For RRDcached, @murrant suggests it’s possible to proxy to multiple RRDcached hosts using Nginx.

Alternatively I was thinking of an active/passive pair proxied by Ngnix with the RRDs sitting on some shared storage over NFS which is replicated to a backup host (e.g. using ZFS or similar). If the active RRDcached host fails, I fire up the passive one manually and everything carries on. If the RRD storage fails, we restore the latest snapshot to something capable and carry on, or use some kind of HA clustered storage.

Thoughts on specs and HA?

You might need to be a bit more specific about what your goals are with the HA component.

We run two seperate instances in two different locations and then use OpsGenie’s alert de-duplication to handle the duplicated alarms.

This means we can run updates/maintenance on an instance and the other instance is still operational.

We use k8s for all the pollers and UI nodes and then run bare metal for the SQL/rrdcached. The bare metal box has some crazy NVMe stripped array and memory cpu etc

The question of ‘how many pollers = how many devices’ is very difficult to calculate.

For us due to geographic dispersion some of our poller runtimes are fairly long for a single device as there is latency on every request/response etc, and some of our devices are very large devices (virtual chassis etc lots of ports/sub-interfaces), or large qtys of bgp peers etc.

Some of our devices are pretty simple but we have thousands of them.

We basically keep an eye on the amount of used poller seconds vs available poller seconds, and number of devices ‘unpolled’ for a poll run - and when this gets close to ‘full’ we add another pod into the k8s.

Each poller thread consumes one persistent connection to the redis server - so sizing redis connections and keeping an eye on them is a good idea.
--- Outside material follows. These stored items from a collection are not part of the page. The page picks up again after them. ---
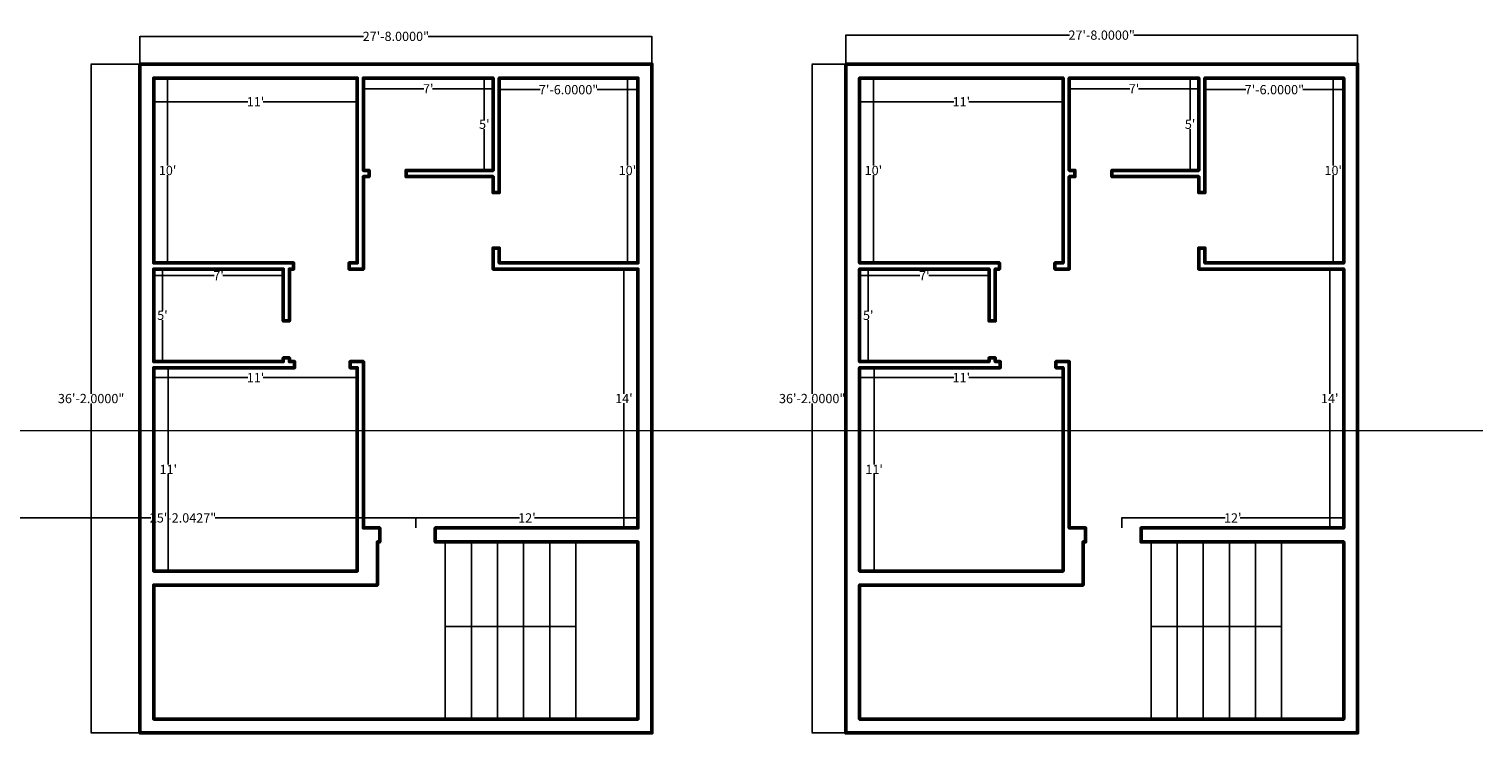
# Model space of a CAD drawing. Units: feet. Extents: x 993 to 3080, y -271 to 22562.
# Tile 4 of 4: x 1920 to 2863, y 603 to 1060. Entities that reach past the tile are written whole.
import ezdxf

# ---------------------------------------------------------------- set-up
doc = ezdxf.new("R2010")
doc.units = ezdxf.units.FT
for name, color, linetype, lineweight in [('A-ANNO-DIMS', 2, 'Continuous', 18), ('A-ANNO-SYMB', 4, 'Continuous', 18), ('A-FLOR-STRS', 3, 'Continuous', 25), ('A-WALL', 7, 'Continuous', 50)]:
    doc.layers.add(name, color=color, linetype=linetype, lineweight=lineweight)
doc.styles.get("Standard").update_dxf_attribs({"font": 'arial.ttf'})
doc.dimstyles.get("Standard").update_dxf_attribs({"dimtxt": 6, "dimasz": 0.18, "dimexe": 0.18, "dimexo": 0.0625, "dimgap": 0.09, "dimtad": 0, "dimtih": 1, "dimtoh": 1, "dimdec": 4, "dimzin": 0, "dimdsep": 46, "dimlunit": 3, "dimtxsty": 'Standard', "dimcen": 0.09, "dimadec": 0, "dimazin": 0, "dimtfac": 1, "dimtdec": 4, "dimtofl": 0, "dimtmove": 0, "dimatfit": 3, "dimfxl": 1, "dimtolj": 1, "dimtzin": 0, "dimarcsym": 0})

# ---------------------------------------------------------------- blocks, each defined once
blk = doc.blocks.new('*D17')
at = {"layer": 'A-ANNO-DIMS', "color": 0, "lineweight": -2, "transparency": 16777216}
for p, q in [((1991.96, 1037.12), (1991.96, 1055.27)), ((1992.14, 1055.09), (2137.02, 1055.09)), ((2323.78, 1055.09), (2178.89, 1055.09)), ((2323.96, 1037.12), (2323.96, 1055.27))]:
    blk.add_line(p, q, dxfattribs=at)
at = {"layer": 'A-ANNO-DIMS', "color": 0, "transparency": 16777216}
for points in [[(1992.14, 1055.12), (1992.14, 1055.06), (1991.96, 1055.09)], [(2323.78, 1055.12), (2323.78, 1055.06), (2323.96, 1055.09)]]:
    blk.add_solid(points, dxfattribs=at)
at = {"layer": 'Defpoints', "color": 0, "transparency": 16777216}
for p in [(2323.96, 1055.09), (1991.96, 1037.06), (2323.96, 1037.06)]:
    blk.add_point(p, dxfattribs=at)
at = {"layer": 'A-ANNO-DIMS', "color": 0, "transparency": 16777216, "insert": (2157.96, 1055.09), "char_height": 6, "attachment_point": 5}
blk.add_mtext('\\A1;27\'-8.0000"', dxfattribs=at)
blk = doc.blocks.new('*D18')
at = {"layer": 'A-ANNO-DIMS', "color": 0, "lineweight": -2, "transparency": 16777216}
for p, q in [((1991.9, 1037.06), (1960.17, 1037.06)), ((1960.35, 1036.88), (1960.35, 823.22)), ((1960.35, 603.24), (1960.35, 816.9)), ((1991.9, 603.06), (1960.17, 603.06))]:
    blk.add_line(p, q, dxfattribs=at)
at = {"layer": 'A-ANNO-DIMS', "color": 0, "transparency": 16777216}
for points in [[(1960.32, 1036.88), (1960.38, 1036.88), (1960.35, 1037.06)], [(1960.32, 603.24), (1960.38, 603.24), (1960.35, 603.06)]]:
    blk.add_solid(points, dxfattribs=at)
at = {"layer": 'Defpoints', "color": 0, "transparency": 16777216}
for p in [(1991.96, 1037.06), (1960.35, 603.06), (1991.96, 603.06)]:
    blk.add_point(p, dxfattribs=at)
at = {"layer": 'A-ANNO-DIMS', "color": 0, "transparency": 16777216, "insert": (1960.35, 820.06), "char_height": 6, "attachment_point": 5}
blk.add_mtext('\\A1;36\'-2.0000"', dxfattribs=at)
blk = doc.blocks.new('*D30')
at = {"layer": 'A-ANNO-DIMS', "color": 0, "lineweight": -2, "transparency": 16777216}
for p, q in [((1868.92, 736.12), (1868.92, 742.78)), ((1869.1, 742.6), (1999, 742.6)), ((2170.78, 742.6), (2040.87, 742.6)), ((2170.96, 736.12), (2170.96, 742.78))]:
    blk.add_line(p, q, dxfattribs=at)
at = {"layer": 'A-ANNO-DIMS', "color": 0, "transparency": 16777216}
for points in [[(1869.1, 742.63), (1869.1, 742.57), (1868.92, 742.6)], [(2170.78, 742.63), (2170.78, 742.57), (2170.96, 742.6)]]:
    blk.add_solid(points, dxfattribs=at)
at = {"layer": 'Defpoints', "color": 0, "transparency": 16777216}
for p in [(1868.92, 736.06), (2170.96, 742.6), (2170.96, 736.06)]:
    blk.add_point(p, dxfattribs=at)
at = {"layer": 'A-ANNO-DIMS', "color": 0, "transparency": 16777216, "insert": (2019.94, 742.6), "char_height": 6, "attachment_point": 5}
blk.add_mtext('\\A1;25\'-2.0427"', dxfattribs=at)
blk = doc.blocks.new('*D33')
at = {"layer": 'A-ANNO-DIMS', "color": 0, "lineweight": -2, "transparency": 16777216}
for p, q in [((2458.65, 1028), (2458.65, 1012.47)), ((2590.65, 1028), (2590.65, 1012.47)), ((2458.83, 1012.65), (2519.75, 1012.65)), ((2590.47, 1012.65), (2529.55, 1012.65))]:
    blk.add_line(p, q, dxfattribs=at)
at = {"layer": 'A-ANNO-DIMS', "color": 0, "transparency": 16777216}
for points in [[(2458.83, 1012.68), (2458.83, 1012.62), (2458.65, 1012.65)], [(2590.47, 1012.68), (2590.47, 1012.62), (2590.65, 1012.65)]]:
    blk.add_solid(points, dxfattribs=at)
at = {"layer": 'Defpoints', "color": 0, "transparency": 16777216}
for p in [(2458.65, 1028.06), (2590.65, 1028.06), (2590.65, 1012.65)]:
    blk.add_point(p, dxfattribs=at)
at = {"layer": 'A-ANNO-DIMS', "color": 0, "transparency": 16777216, "insert": (2524.65, 1012.65), "char_height": 6, "attachment_point": 5}
blk.add_mtext("\\A1;11'", dxfattribs=at)
blk = doc.blocks.new('*D34')
at = {"layer": 'A-ANNO-DIMS', "color": 0, "lineweight": -2, "transparency": 16777216}
for p, q in [((2458.71, 1028.06), (2467.81, 1028.06)), ((2467.63, 1027.88), (2467.63, 971.21)), ((2467.63, 908.24), (2467.63, 964.91)), ((2458.71, 908.06), (2467.81, 908.06))]:
    blk.add_line(p, q, dxfattribs=at)
at = {"layer": 'A-ANNO-DIMS', "color": 0, "transparency": 16777216}
for points in [[(2467.6, 1027.88), (2467.66, 1027.88), (2467.63, 1028.06)], [(2467.6, 908.24), (2467.66, 908.24), (2467.63, 908.06)]]:
    blk.add_solid(points, dxfattribs=at)
at = {"layer": 'Defpoints', "color": 0, "transparency": 16777216}
for p in [(2458.65, 1028.06), (2458.65, 908.06), (2467.63, 908.06)]:
    blk.add_point(p, dxfattribs=at)
at = {"layer": 'A-ANNO-DIMS', "color": 0, "transparency": 16777216, "insert": (2467.63, 968.06), "char_height": 6, "attachment_point": 5}
blk.add_mtext("\\A1;10'", dxfattribs=at)
blk = doc.blocks.new('*D35')
at = {"layer": 'A-ANNO-DIMS', "color": 0, "lineweight": -2, "transparency": 16777216}
for p, q in [((2594.65, 1028), (2594.65, 1020.88)), ((2678.65, 1028), (2678.65, 1020.88)), ((2594.83, 1021.06), (2633.82, 1021.06)), ((2678.47, 1021.06), (2639.47, 1021.06))]:
    blk.add_line(p, q, dxfattribs=at)
at = {"layer": 'A-ANNO-DIMS', "color": 0, "transparency": 16777216}
for points in [[(2594.83, 1021.09), (2594.83, 1021.03), (2594.65, 1021.06)], [(2678.47, 1021.09), (2678.47, 1021.03), (2678.65, 1021.06)]]:
    blk.add_solid(points, dxfattribs=at)
at = {"layer": 'Defpoints', "color": 0, "transparency": 16777216}
for p in [(2594.65, 1028.06), (2678.65, 1028.06), (2678.65, 1021.06)]:
    blk.add_point(p, dxfattribs=at)
at = {"layer": 'A-ANNO-DIMS', "color": 0, "transparency": 16777216, "insert": (2636.65, 1021.06), "char_height": 6, "attachment_point": 5}
blk.add_mtext("\\A1;7'", dxfattribs=at)
blk = doc.blocks.new('*D36')
at = {"layer": 'A-ANNO-DIMS', "color": 0, "lineweight": -2, "transparency": 16777216}
for p, q in [((2678.59, 1028.06), (2672.81, 1028.06)), ((2672.99, 1027.88), (2672.99, 1001.2)), ((2672.99, 968.24), (2672.99, 994.92)), ((2678.59, 968.06), (2672.81, 968.06))]:
    blk.add_line(p, q, dxfattribs=at)
at = {"layer": 'A-ANNO-DIMS', "color": 0, "transparency": 16777216}
for points in [[(2672.96, 1027.88), (2673.02, 1027.88), (2672.99, 1028.06)], [(2672.96, 968.24), (2673.02, 968.24), (2672.99, 968.06)]]:
    blk.add_solid(points, dxfattribs=at)
at = {"layer": 'Defpoints', "color": 0, "transparency": 16777216}
for p in [(2672.99, 1028.06), (2678.65, 1028.06), (2678.65, 968.06)]:
    blk.add_point(p, dxfattribs=at)
at = {"layer": 'A-ANNO-DIMS', "color": 0, "transparency": 16777216, "insert": (2672.99, 998.06), "char_height": 6, "attachment_point": 5}
blk.add_mtext("\\A1;5'", dxfattribs=at)
blk = doc.blocks.new('*D37')
at = {"layer": 'A-ANNO-DIMS', "color": 0, "lineweight": -2, "transparency": 16777216}
for p, q in [((2682.65, 1028), (2682.65, 1020.32)), ((2772.65, 1028), (2772.65, 1020.32)), ((2682.83, 1020.5), (2709.12, 1020.5)), ((2772.47, 1020.5), (2746.18, 1020.5))]:
    blk.add_line(p, q, dxfattribs=at)
at = {"layer": 'A-ANNO-DIMS', "color": 0, "transparency": 16777216}
for points in [[(2682.83, 1020.53), (2682.83, 1020.47), (2682.65, 1020.5)], [(2772.47, 1020.53), (2772.47, 1020.47), (2772.65, 1020.5)]]:
    blk.add_solid(points, dxfattribs=at)
at = {"layer": 'Defpoints', "color": 0, "transparency": 16777216}
for p in [(2682.65, 1028.06), (2772.65, 1028.06), (2682.65, 1020.5)]:
    blk.add_point(p, dxfattribs=at)
at = {"layer": 'A-ANNO-DIMS', "color": 0, "transparency": 16777216, "insert": (2727.65, 1020.5), "char_height": 6, "attachment_point": 5}
blk.add_mtext('\\A1;7\'-6.0000"', dxfattribs=at)
blk = doc.blocks.new('*D38')
at = {"layer": 'A-ANNO-DIMS', "color": 0, "lineweight": -2, "transparency": 16777216}
for p, q in [((2772.59, 1028.06), (2765.63, 1028.06)), ((2765.81, 1027.88), (2765.81, 971.21)), ((2765.81, 908.24), (2765.81, 964.91)), ((2772.59, 908.06), (2765.63, 908.06))]:
    blk.add_line(p, q, dxfattribs=at)
at = {"layer": 'A-ANNO-DIMS', "color": 0, "transparency": 16777216}
for points in [[(2765.78, 1027.88), (2765.84, 1027.88), (2765.81, 1028.06)], [(2765.78, 908.24), (2765.84, 908.24), (2765.81, 908.06)]]:
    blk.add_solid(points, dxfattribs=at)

Similar but less with mysql.

We run about 96 workers per poller (would not suggest this as a start point) and we have max redis about 12,0000 but using ~7-8k and mysql max connections 4k using about 2k

I could be wrong but I think there was more than a gig of persistent traffic to/from the db/redis/mysql host so a good network might be on the list of things to have.

Probably what I will end up doing is splitting it all up again so we have a couple of instances per continent (for the ‘HA’) and so we don’t have things like pollers pushing from one side of the world to the other and reducing blast radius on failure / link issues

We run a sidecar instance of telegraf on all the poller pods buffering back into a central influxdb host with a 7 day retention so ops teams can build pretty dashboards in grafana specific to their needs

In terms of pollers one of our instances has 15 in one zone, 22 in another, 12 in another and 5 in another - so 54 pollers … pods have 2g request, 3gb limit, 6 cpu allocation … telegraf 256mb limit, 64mb request buffer size 5000 etc…

1 Like

Just double checked – network traffic for us is about 150-200Mbps avg out on a bonded set of interfaces peaking 480Mbps at some stage … We run MariaDB, rrdCached, redis and influxdb on this host fwiw but typically only used by LibreNMS (a little bit of gNMI traffic)

1 Like

Thank you for taking the time to write this fantastically detailed reply and my apologies for taking a while to come back to you.

Regarding your UI nodes, do you have more than one per instance? I was trying to figure out how to separate up the UI from being the LibreNMS master node and RRD storage. I guess in your case, you have your RRDs on your bare metal, presumably shared over NFS or something and all your nodes write to its rrdcached. I guess I could put more than one UI node in a dedicated poller group which has no devices to poll.

All access to RRDdata is via rrdcached (from both pollers and ui nodes) so you don’t need NFS export or anything like that.

We run two nodes in a Deployment on kubernetes for the UI handling. They basically run ngnix and php-fpm and no polling processes so they don’t try to run any poller/discovery tasks etc.

The poller nodes just run librenms-service.py. The master node election stuff only includes nodes running librenms-service.py.

Thanks for taking the time to reply and again, my apologies for taking a while to come back.